# Información sobre motores DC de impresoras



## cerrajeria peredo (Oct 21, 2018)

tengo varios motores DC de impresoras, quisiera saber sus valores o especificaciones técnicas para usarlos en otros proyecto, me podrán informar como conseguir las fichas técnicas,  alguna página  donde consultar?


----------



## Fogonazo (Oct 21, 2018)

Tienen etiqueta/placa identificadora ----> Busca en internet

NO tienen etiqueta/placa identificadora ----> ¿ Cuantos cables ?
2 Motor de CC
4 o mas Motor Paso a Paso


----------



## cerrajeria peredo (Oct 21, 2018)

muchas gracias por tu respuesta, si tienen etiquetas, pero cuando busco en Internet con esas referencias me dirección a ebay  y encuentro solo motores para comprar.


----------



## pandacba (Oct 21, 2018)

En la página de ebay  donde ponen esos motores suelen poner sus carácterisiticas si bajas hacia abajo  lo veras.
Por otro lado si queres que no te salga ebay en el buscador pone "-ebay" y listo!!!!
Segundo queres encontrar info en serio??? hace busquedas en inglés, la mayoría de esos motores son de origen asiático, por lo tanto en español es muy difícil encontrar algo, y de echo si lo encuentras esta info estará en inglés.

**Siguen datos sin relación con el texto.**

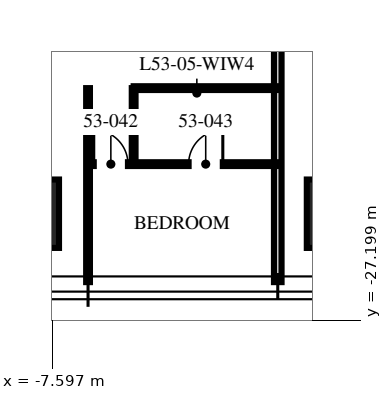
"""IFC4 building model, lengths in metres.
Left out: names, types, materials, properties, quantities, classifications, styles, units other than length and angle.
Written with IfcOpenShell. Run it as: python <this file> out.ifc"""

import sys

from ifc_helpers import new_model, si_unit, direction, frame, frame_2d, origin, origin_2d, place, context, subcontext, project, spatial, rectangle, extrude, element, fill, save


model = new_model("IFC4")
c1 = context("Model", 3, precision=1e-05, world=origin(), true_north=direction((0.0, 1.0)))
c2 = subcontext(c1, "Body", "Model", "MODEL_VIEW")
j1 = project(units=[si_unit("LENGTHUNIT", "METRE"), si_unit("PLANEANGLEUNIT", "RADIAN")], contexts=[c1])
p1 = place(None, origin())
s1 = spatial("IfcSite", under=j1, at=p1, CompositionType="ELEMENT")
p2 = place(p1, origin())
s2 = spatial("IfcBuilding", under=s1, at=p2, CompositionType="ELEMENT")
p3 = place(p2, frame((0.0, 0.0, 214.5)))
s3 = spatial("IfcBuildingStorey", under=s2, at=p3, CompositionType="ELEMENT", Elevation=214.5)
for number, where, z_axis, x_axis in (
    (1, (0.0, -24.4, 0.0), (0.0, 0.0, 1.0), (1.0, 0.0, 0.0)),
    (2, (-8.32, -24.4, 0.0), (0.0, 0.0, 1.0), (1.0, 0.0, 0.0)),
):
    element("IfcColumn", number, at=place(p3, frame(where, z_axis=z_axis, x_axis=x_axis)), inside=s3, PredefinedType="COLUMN", context=c2, shape_type="SweptSolid", body=[
        extrude(rectangle(XDim=1.8, YDim=1.8, at=origin_2d()), origin(), (0.0, 0.0, 1.0), 3.75),
    ])
p4 = place(p3, frame((-6.656, -21.095, 0.0), z_axis=(0.0, 0.0, 1.0), x_axis=(0.0, -1.0, 0.0)))
e3 = element("IfcWall", 3, at=p4, inside=s3, PredefinedType="PARTITIONING", context=c2, shape_type="SweptSolid", body=[
    extrude(rectangle(XDim=5.105, YDim=0.1, at=frame_2d((2.552, 0.0))), origin(), (0.0, 0.0, 1.0), 2.91),
])
p5 = place(p3, frame((-1.664, -12.8, 0.0), z_axis=(0.0, 0.0, 1.0), x_axis=(0.0, -1.0, 0.0)))
e4 = element("IfcWall", 4, at=p5, inside=s3, PredefinedType="PARTITIONING", context=c2, shape_type="SweptSolid", body=[
    extrude(rectangle(XDim=13.4, YDim=0.2, at=frame_2d((6.7, 0.0))), origin(), (0.0, 0.0, 1.0), 2.91),
])
p6 = place(p3, frame((-6.656, -23.095, 0.0), z_axis=(0.0, 0.0, 1.0), x_axis=(1.0, 0.0, 0.0)))
e5 = element("IfcWall", 5, at=p6, inside=s3, PredefinedType="PARTITIONING", context=c2, shape_type="SweptSolid", body=[
    extrude(rectangle(XDim=4.992, YDim=0.1, at=frame_2d((2.496, 0.0))), origin(), (0.0, 0.0, 1.0), 2.81),
])
p7 = place(p6, frame((0.15, 0.0, 0.0)))
e6 = element("IfcOpeningElement", 6, at=p7, cuts=e5, PredefinedType="OPENING", context=c2, shape_type="SweptSolid", body=[
    extrude(rectangle(XDim=0.9, YDim=2.1, at=frame_2d((0.45, 1.05))), frame((0.0, 0.06, 0.0), z_axis=(0.0, -1.0, 0.0), x_axis=(1.0, 0.0, 0.0)), (0.0, 0.0, 1.0), 0.12),
])
p8 = place(p6, frame((2.646, 0.0, 0.0)))
e7 = element("IfcOpeningElement", 7, at=p8, cuts=e5, PredefinedType="OPENING", context=c2, shape_type="SweptSolid", body=[
    extrude(rectangle(XDim=0.9, YDim=2.1, at=frame_2d((0.45, 1.05))), frame((0.0, 0.06, 0.0), z_axis=(0.0, -1.0, 0.0), x_axis=(1.0, 0.0, 0.0)), (0.0, 0.0, 1.0), 0.12),
])
p9 = place(p3, frame((-5.456, -21.095, 0.0), z_axis=(0.0, 0.0, 1.0), x_axis=(0.0, -1.0, 0.0)))
e8 = element("IfcWall", 8, at=p9, inside=s3, PredefinedType="PARTITIONING", context=c2, shape_type="SweptSolid", body=[
    extrude(rectangle(XDim=2.0, YDim=0.1, at=frame_2d((1.0, 0.0))), origin(), (0.0, 0.0, 1.0), 3.5),
])
p10 = place(p3, frame((-5.456, -21.095, 0.0), z_axis=(0.0, 0.0, 1.0), x_axis=(1.0, 0.0, 0.0)))
e9 = element("IfcWall", 9, at=p10, inside=s3, PredefinedType="PARTITIONING", context=c2, shape_type="SweptSolid", body=[
    extrude(rectangle(XDim=3.792, YDim=0.1, at=frame_2d((1.896, 0.0))), origin(), (0.0, 0.0, 1.0), 2.81),
])
p11 = place(p7, origin())
e10 = element("IfcDoor", 10, at=p11, inside=s3, OperationType="SINGLE_SWING_LEFT", PredefinedType="DOOR", context=c2, shape_type="SweptSolid", body=[
    extrude(rectangle(XDim=0.9, YDim=2.1, at=frame_2d((0.45, 1.05))), frame((0.0, 0.025, 0.0), z_axis=(0.0, -1.0, 0.0), x_axis=(1.0, 0.0, 0.0)), (0.0, 0.0, 1.0), 0.05),
])
fill(e6, e10)
p12 = place(p8, origin())
e11 = element("IfcDoor", 11, at=p12, inside=s3, OperationType="SINGLE_SWING_RIGHT", PredefinedType="DOOR", context=c2, shape_type="SweptSolid", body=[
    extrude(rectangle(XDim=0.9, YDim=2.1, at=frame_2d((0.45, 1.05))), frame((0.0, 0.025, 0.0), z_axis=(0.0, -1.0, 0.0), x_axis=(1.0, 0.0, 0.0)), (0.0, 0.0, 1.0), 0.05),
])
fill(e7, e11)
save(model, sys.argv[1])

Por otro  lado fijate en la marca de los motores, hubica la página web del fabricante y busca allí, si no lo tienen porque se ha dejado de fabricar, dirigí un mail al mismo fabricante( esta en información de contacto) y te diran de donde bajarla o te la enviaran vía mail, ves que fácil?
Yo hago eso ya que vivo en la misma ciudad que tú


----------



## cerrajeria peredo (Oct 21, 2018)

te agradezco muchísimo la información, muy útil,  aunque este en ingles lo mismo sirve ya que normalmente las fichas técnicas son entendí bles en cuanto voltajes amperajes, revoluciones etc. nuevamente gracias muy amable


----------



## pandacba (Oct 21, 2018)

Sacales una foto que se vea el motor y la etiqueta, puede que alguna info pueda llegar a tener

Otra opción que me olvide es, buscar el manual de servicio si te acordas o sabes a que impresoras pertenecieron


----------



## cerrajeria peredo (Oct 21, 2018)

ok, en este momento no los tengo a mano para enviarte foto, luego lo haré,  de todos modos uno tiene este código  C4557--60003,  no tiene marca el logotipo muy borroso, otro el código es C6409


----------



## Fogonazo (Oct 21, 2018)

cerrajeria peredo dijo:


> ok, en este momento no los tengo a mano para enviarte foto, luego lo haré,  de todos modos uno tiene este código  C4557--60003,  no tiene marca el logotipo muy borroso, otro el código es C6409


¿ Se parecen a estos ?

*C4557-6003*






*C6409*




​En caso afirmativo ambos son motores de CC
​


----------



## cerrajeria peredo (Oct 21, 2018)

Dos de los que tengo presenté de memoria
Si. son esos,  principalmente el más grande quería saber hasta cuanto voltaje soporta, el amperaje y revoluciones , no quiero abusar de tu predisposición,  tratare de encontrar la información y de paso asi lo hago con otros motores


----------



## cuervobrujo (Oct 21, 2018)

Son motores Mabuchi. los clasicos de HP, que son dificiles de encontrar su datasheet.. pero si busca encuentras 
Copy paste : de sitio Ruso
*C4557-6003* 
voltaje maximo 24V 
 media tensión 15V   
Máx actual 1.6A   
Sin corriente de carga 0.1A   
Sin velocidad de carga 3540 rpm   
potencia máxima 8.72   
tensión de arranque 3V   
resistencia 11.6 ohms   
voltios a 1000 revoluciones: 6.4V   
Inercia 50 (gm.cm2?)   
momento en el eje de 6.08 N * cm / A   
max momento 9.4 N * cm     

Curiosamente, no encuentro un motor equivalente en el sitio web de Mabuchi.   Este motor probablemente fue hecho solo para impresoras HP Deskjet y no en su catálogo.     También tengo este motor, tomado de una impresora, y quiero usarlo para algo, todavía no estoy seguro.   Tenga en cuenta que el motor tiene un máximo de 24 V y debe comenzar a girar a 3 V 

*C6409*_-60004 _
_ese.. ya te lo dejo de tarea... _


----------



## cerrajeria peredo (Oct 21, 2018)

muchas grácias por la información completa que me das, lo principal es que tengo el voltaje maximo y además el amperaje para poder poner una fuente acorde, nuevamente gracias


----------



## Fogonazo (Oct 22, 2018)

cerrajeria peredo dijo:


> muchas grácias por la información completa que me das, lo principal es que tengo el voltaje maximo y además el amperaje para poder poner una fuente acorde, nuevamente gracias


Ese tipo de motor permite emplearlo con tensiones sustancialmente inferiores a los 15V indicados, seguramente te funcione bien, en muchas aplicaciones con tan solo 6V, incluso menos.


----------



## cerrajeria peredo (Oct 22, 2018)

si, correcto, mi necesidad es usarlo con un regulador de velocidad o sea trabajará entre el minino y máximo de voltajes que acepta, justamente necesitaba esos parámetros para disponer de la fuente adecuada para que entregue voltaje y amperaje requeridos y también para poder hacer un regulador de rpm adecuado, gracias por toda la información y predisposición colaborativa tuya


----------



## pandacba (Oct 22, 2018)

Un pwm sería lo más adecuado


----------



## cerrajeria peredo (Oct 22, 2018)

si, seria lo ideal,


----------



## pandacba (Oct 22, 2018)

En Cba hay uno lugares donde podes coseguir unos modulos que te podrán servir


----------